The first step is to scan a customer’s ticket at the gate. I wrote a program to simulate this. It will create a randomish “ticketscan” document in a “tickets” bucket on Couchbase.
Before scanning tickets, I needed to prepopulate the bucket with some data.
I’ve decided that customers 1 through 9 are the VIPs, and any other customer is a “regular joe”.
_bucket.Upsert("customer::1", new { Name = "George Clooney" });
_bucket.Upsert("customer::2", new { Name = "Josh Hutcherson" });
_bucket.Upsert("customer::3", new { Name = "Darius Rucker" });
_bucket.Upsert("customer::4", new { Name = "Brooklyn Decker" });
_bucket.Upsert("customer::5", new { Name = "Eddie Vedder" });
_bucket.Upsert("customer::6", new { Name = "Nick Lachey" });
_bucket.Upsert("customer::7", new { Name = "Nick Goepper" });
_bucket.Upsert("customer::8", new { Name = "Johnny Bench" });
_bucket.Upsert("customer::9", new { Name = "Ryan Collins" });
Fun Note: these VIPs are all actual Reds fans!
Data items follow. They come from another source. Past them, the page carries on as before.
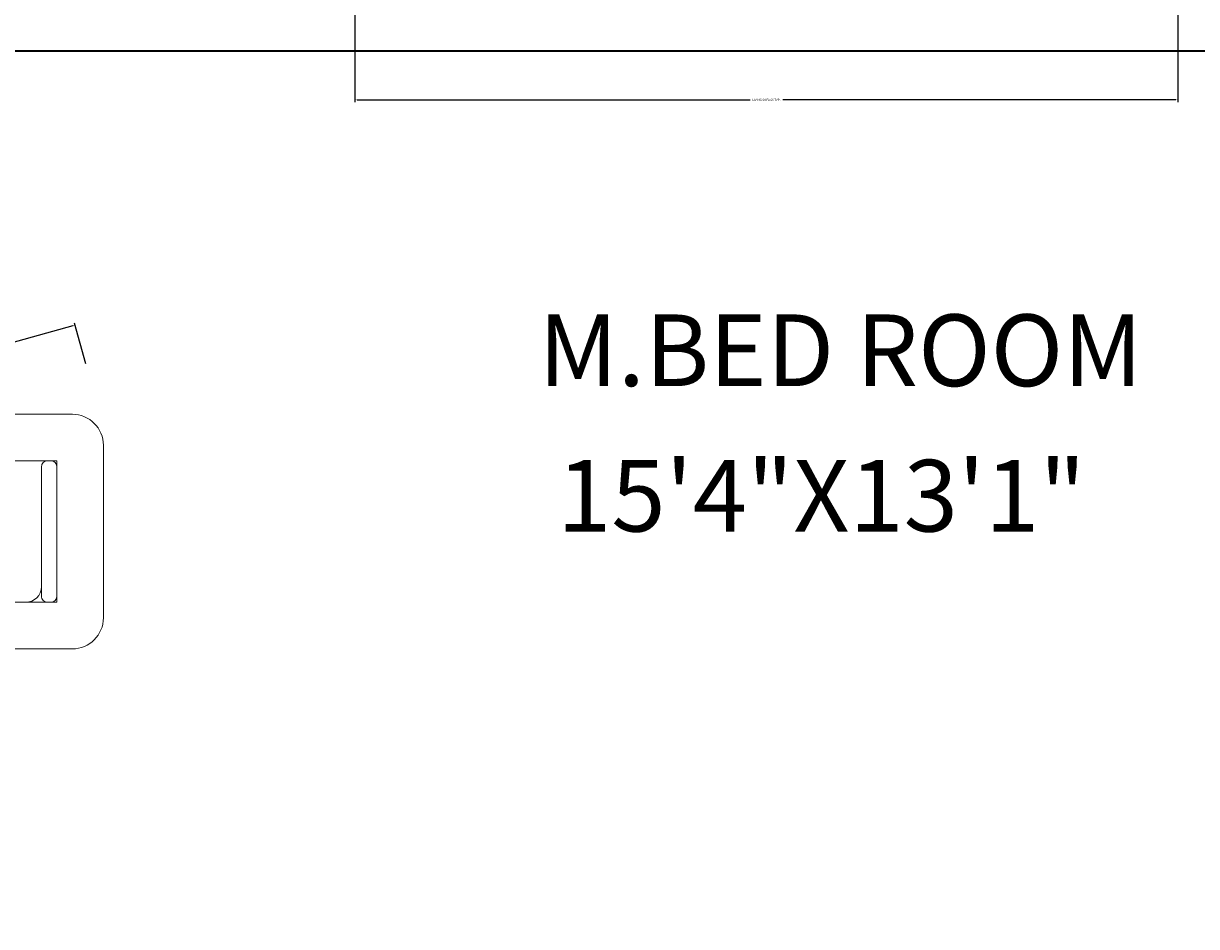
# Model space of a CAD drawing. Units: millimetres. Extents: x 27017497 to 27018854, y 7058029 to 7059154.
# Tile 28 of 91: x 27017651 to 27017748, y 7058222 to 7058297. Entities that reach past the tile are written whole.
import ezdxf

# ---------------------------------------------------------------- set-up
doc = ezdxf.new("R2010")
doc.units = ezdxf.units.MM
for name, color, linetype, lineweight in [('A-ANNO-DIMS', 2, 'Continuous', 18), ('A-AREA-IDEN', 7, 'Continuous', 18), ('A-FURN', 8, 'Continuous', 18), ('A-WALL', 7, 'Continuous', 35)]:
    doc.layers.add(name, color=color, linetype=linetype, lineweight=lineweight)
doc.styles.get("Standard").update_dxf_attribs({"font": 'arial.ttf'})
doc.dimstyles.get("Standard").update_dxf_attribs({"dimtxt": 0.18, "dimasz": 0.18, "dimexe": 0.18, "dimexo": 0.0625, "dimgap": 0.09, "dimtad": 0, "dimtih": 1, "dimtoh": 1, "dimdec": 4, "dimzin": 0, "dimdsep": 46, "dimtxsty": 'Standard', "dimcen": 0.09, "dimadec": 0, "dimazin": 0, "dimtfac": 1, "dimtdec": 4, "dimtofl": 0, "dimtmove": 0, "dimatfit": 3, "dimfxl": 1, "dimtolj": 1, "dimtzin": 0, "dimarcsym": 0})

# ---------------------------------------------------------------- blocks, each defined once
blk = doc.blocks.new('CHAIR-OCCASIONAL')
for p, q in [((19.599, 18.742), (7.02, 22.21)), ((3.873, 20.423), (0.092, 6.706)), ((4.132, 6.919), (7.234, 18.169)), ((5.25, 10.974), (7.234, 18.169)), ((5.25, 10.974), (7.098, 17.676)), ((16.064, 15.735), (7.234, 18.169)), ((7.234, 18.169), (16.064, 15.735)), ((7.234, 18.169), (16.064, 15.735)), ((7.727, 18.033), (7.974, 17.965)), ((7.727, 18.033), (7.974, 17.965)), ((17.638, 16.628), (17.978, 17.862)), ((17.638, 16.628), (17.978, 17.862)), ((8.331, 17.336), (5.625, 7.52)), ((17.605, 1.878), (21.386, 15.595)), ((12.963, 4.485), (4.132, 6.919)), ((4.872, 6.715), (4.626, 6.783)), ((5.625, 7.52), (5.502, 7.072)), ((1.879, 3.558), (14.458, 0.091)), ((13.856, 2.911), (13.516, 1.678))]:
    blk.add_line(p, q)
for centre, radius, start, end in [((6.34, 19.743), 2.559, 74.58786, 164.58786), ((16.744, 18.202), 1.28, 344.58786, 74.58786), ((16.744, 18.202), 1.28, 344.58786, 74.58786), ((18.919, 16.275), 2.559, 344.58786, 74.58786), ((7.591, 17.54), 0.512, 74.58786, 164.58786), ((7.838, 17.472), 0.512, 344.58786, 74.58786), ((9.361, 16.256), 1.28, 74.58786, 164.58786), ((16.404, 16.968), 1.28, 254.58786, 344.58786), ((16.404, 16.968), 1.28, 254.58786, 344.58786), ((4.762, 7.276), 0.512, 164.58786, 254.58786), ((5.008, 7.208), 0.512, 254.58786, 344.58786), ((2.559, 6.025), 2.559, 164.58786, 254.58786), ((12.623, 3.251), 1.28, 344.58786, 74.58786), ((12.283, 2.018), 1.28, 254.58786, 344.58786), ((15.138, 2.558), 2.559, 254.58786, 344.58786)]:
    blk.add_arc(centre, radius, start, end)
blk = doc.blocks.new('*D22')
at = {"layer": 'A-ANNO-DIMS', "color": 0, "lineweight": -2, "transparency": 16777216}
for p, q in [((27017656.18, 7058268.579), (27017655.252, 7058271.943)), ((27017655.127, 7058271.722), (27017645.203, 7058268.986)), ((27017634.221, 7058265.959), (27017644.144, 7058268.694)), ((27017634.927, 7058262.72), (27017633.999, 7058266.084))]:
    blk.add_line(p, q, dxfattribs=at)
at = {"layer": 'A-ANNO-DIMS', "color": 0, "transparency": 16777216}
for points in [[(27017655.119, 7058271.751), (27017655.135, 7058271.693), (27017655.3, 7058271.77)], [(27017634.213, 7058265.987), (27017634.229, 7058265.93), (27017634.047, 7058265.911)]]:
    blk.add_solid(points, dxfattribs=at)
at = {"layer": 'Defpoints', "color": 0, "transparency": 16777216}
for p in [(27017656.196, 7058268.519), (27017634.047, 7058265.911), (27017634.943, 7058262.66)]:
    blk.add_point(p, dxfattribs=at)
at = {"layer": 'A-ANNO-DIMS', "color": 0, "transparency": 16777216, "insert": (27017644.674, 7058268.84), "char_height": 0.18, "attachment_point": 5}
blk.add_mtext('\\A1;22 TYP.', dxfattribs=at)
blk = doc.blocks.new('*D39')
at = {"layer": 'A-ANNO-DIMS', "color": 0, "lineweight": -2, "transparency": 16777216}
for p, q in [((27017678.38, 7058300.482), (27017678.38, 7058290.182)), ((27017746.263, 7058300.482), (27017746.263, 7058290.182)), ((27017678.56, 7058290.362), (27017710.973, 7058290.362)), ((27017746.083, 7058290.362), (27017713.67, 7058290.362))]:
    blk.add_line(p, q, dxfattribs=at)
at = {"layer": 'A-ANNO-DIMS', "color": 0, "transparency": 16777216}
for points in [[(27017678.56, 7058290.392), (27017678.56, 7058290.332), (27017678.38, 7058290.362)], [(27017746.083, 7058290.392), (27017746.083, 7058290.332), (27017746.263, 7058290.362)]]:
    blk.add_solid(points, dxfattribs=at)
at = {"layer": 'Defpoints', "color": 0, "transparency": 16777216}
for p in [(27017678.38, 7058300.544), (27017746.263, 7058300.544), (27017746.263, 7058290.362)]:
    blk.add_point(p, dxfattribs=at)
at = {"layer": 'A-ANNO-DIMS', "color": 0, "transparency": 16777216, "insert": (27017712.321, 7058290.362), "char_height": 0.18, "attachment_point": 5}
blk.add_mtext('\\A1;LIVING SOFA 68 TYP.', dxfattribs=at)
blk = doc.blocks.new('*D47')
at = {"layer": 'A-ANNO-DIMS', "color": 0, "lineweight": -2, "transparency": 16777216}
for p, q in [((27017561.166, 7058294.35), (27017561.166, 7058028.6)), ((27018790.606, 7058294.35), (27018790.606, 7058028.6)), ((27017561.346, 7058028.78), (27018175.431, 7058028.78)), ((27018790.426, 7058028.78), (27018176.341, 7058028.78))]:
    blk.add_line(p, q, dxfattribs=at)
at = {"layer": 'A-ANNO-DIMS', "color": 0, "transparency": 16777216}
for points in [[(27017561.346, 7058028.81), (27017561.346, 7058028.75), (27017561.166, 7058028.78)], [(27018790.426, 7058028.81), (27018790.426, 7058028.75), (27018790.606, 7058028.78)]]:
    blk.add_solid(points, dxfattribs=at)
at = {"layer": 'Defpoints', "color": 0, "transparency": 16777216}
for p in [(27017561.166, 7058294.412), (27018790.606, 7058294.412), (27018790.606, 7058028.78)]:
    blk.add_point(p, dxfattribs=at)
at = {"layer": 'A-ANNO-DIMS', "color": 0, "transparency": 16777216, "insert": (27018175.886, 7058028.78), "char_height": 0.18, "attachment_point": 5}
blk.add_mtext('\\A1;1229.4', dxfattribs=at)
blk = doc.blocks.new('*D48')
at = {"layer": 'A-ANNO-DIMS', "color": 0, "lineweight": -2, "transparency": 16777216}
for p, q in [((27018463.498, 7058622.912), (27017497.536, 7058622.912)), ((27017497.716, 7058622.732), (27017497.716, 7058357.753)), ((27017497.716, 7058092.41), (27017497.716, 7058357.389)), ((27018555.129, 7058092.23), (27017497.536, 7058092.23))]:
    blk.add_line(p, q, dxfattribs=at)
at = {"layer": 'A-ANNO-DIMS', "color": 0, "transparency": 16777216}
for points in [[(27017497.686, 7058622.732), (27017497.746, 7058622.732), (27017497.716, 7058622.912)], [(27017497.686, 7058092.41), (27017497.746, 7058092.41), (27017497.716, 7058092.23)]]:
    blk.add_solid(points, dxfattribs=at)
at = {"layer": 'Defpoints', "color": 0, "transparency": 16777216}
for p in [(27018463.561, 7058622.912), (27017497.716, 7058092.23), (27018555.192, 7058092.23)]:
    blk.add_point(p, dxfattribs=at)
at = {"layer": 'A-ANNO-DIMS', "color": 0, "transparency": 16777216, "insert": (27017497.716, 7058357.571), "char_height": 0.18, "attachment_point": 5}
blk.add_mtext('\\A1;530.7', dxfattribs=at)

msp = doc.modelspace()

# ---------------------------------------------------------------- linework, layer by layer
at = {"layer": 'A-WALL'}
msp.add_line((27017622.666, 7058294.412), (27017758.765, 7058294.412), dxfattribs=at)

# ---------------------------------------------------------------- block references
at = {"layer": 'A-FURN', "rotation": 195.4121391531662}
msp.add_blockref('CHAIR-OCCASIONAL', (27017655.946, 7058268.357), dxfattribs=at)

# ---------------------------------------------------------------- texts
at = {"layer": 'A-ANNO-DIMS'}
msp.add_text('15\'4"X13\'1"', height=5.91176, dxfattribs=at).set_placement((27017695.053, 7058254.754))
at = {"layer": 'A-AREA-IDEN'}
msp.add_text('M.BED ROOM', height=5.9118, dxfattribs=at).set_placement((27017693.518, 7058266.751))

# ---------------------------------------------------------------- dimensions: what is measured, and where the dimension line sits
at = {"layer": 'A-ANNO-DIMS'}
dim = msp.add_linear_dim(base=(27017497.716, 7058092.23), p1=(27018463.561, 7058622.912), p2=(27018555.192, 7058092.23), angle=90, dimstyle='Standard', override={"dimdec": 1, "dimlfac": 1, "dimrnd": 0, "dimzin": 0, "dimdsep": 46, "dimlunit": 2}, dxfattribs=at)
dim.commit()
dim.dimension.update_dxf_attribs({"geometry": '*D48', "text_midpoint": (27017497.716, 7058357.571)})
dim = msp.add_linear_dim(base=(27017746.263, 7058290.362), p1=(27017678.38, 7058300.544), p2=(27017746.263, 7058300.544), text='LIVING SOFA <> TYP.', dimstyle='Standard', override={"dimdec": 0, "dimlfac": 1, "dimrnd": 0, "dimzin": 0, "dimdsep": 46, "dimlunit": 2}, dxfattribs=at)
dim.commit()
dim.dimension.update_dxf_attribs({"geometry": '*D39', "text_midpoint": (27017712.321, 7058290.362)})
dim = msp.add_linear_dim(base=(27018790.606, 7058028.78), p1=(27017561.166, 7058294.412), p2=(27018790.606, 7058294.412), dimstyle='Standard', override={"dimdec": 1, "dimlfac": 1, "dimrnd": 0, "dimzin": 0, "dimdsep": 46, "dimlunit": 2}, dxfattribs=at)
dim.commit()
dim.dimension.update_dxf_attribs({"geometry": '*D47', "text_midpoint": (27018175.886, 7058028.78)})
dim = msp.add_linear_dim(base=(27017634.047, 7058265.911), p1=(27017656.196, 7058268.519), p2=(27017634.943, 7058262.66), angle=195.41214, text='<> TYP.', dimstyle='Standard', override={"dimdec": 0, "dimlfac": 1, "dimrnd": 0, "dimzin": 0, "dimdsep": 46, "dimlunit": 2}, dxfattribs=at)
dim.commit()
dim.dimension.update_dxf_attribs({"geometry": '*D22', "text_midpoint": (27017644.674, 7058268.84)})

doc.saveas('drawing.dxf')

I also created 3 concierges and divided up the VIPs amongst them.
_bucket.Upsert("concierge::1", new
{
Name = "Matt Groves",
CellNumber = _yourVerifiedNumber,
vips = new List<string> { "customer::1", "customer::2", "customer::9" }
});
_bucket.Upsert("concierge::2", new
{
Name = "Mr. Redlegs",
CellNumber = _yourVerifiedNumber,
vips = new List<string> { "customer::3", "customer::4", "customer::5" }
});
_bucket.Upsert("concierge::3", new
{
Name = "Rosie Red",
CellNumber = _yourVerifiedNumber,
vips = new List<string> { "customer::6", "customer::7", "customer::8" }
});
In the above example, I’m assigning customers 1, 2, and 9 to “Matt Groves”. This means that George Clooney, Josh Hutcherson, and Ryan Collins are the VIPs that concierge Matt Groves is assigned to take care of. (Replace _yourVerifiedNumber
with the phone number that you’ve confirmed with Twilio).
I’m also storing Twilio credentials in a document. I did this because I’ll need the credentials inside of a Couchbase Function, and I didn’t want to hard-code them there. The credential document looks like:
{
"url": "https://api.twilio.com/2010-04-01/Accounts/< twilio user name here >/Messages.json",
"username": "< twilio user name here >",
"password": "< twilio password name here >",
"fromNumber": "< twilio 'from' number here >"
}
I’ve created a console app that will create a new “ticketscan” document. When you run it, you can choose to create a VIP scan or a “regular Joe” scan.
Console.WriteLine("1 - Simulate a VIP ticket scan.");
Console.WriteLine("2 - Simulate a regular joe ticket scan.");
Console.WriteLine("Q - End simulation.");
var choice = Console.ReadKey().KeyChar;
A ticketscan document contains only three fields: the ID of the customer document, a timestamp, and a seat number.
_bucket.Upsert(ticketScanId, new {CustomerId = customerId, Timestamp = ticketScanTimestamp, Seat = seatInformation });
You can find the full source code on Github.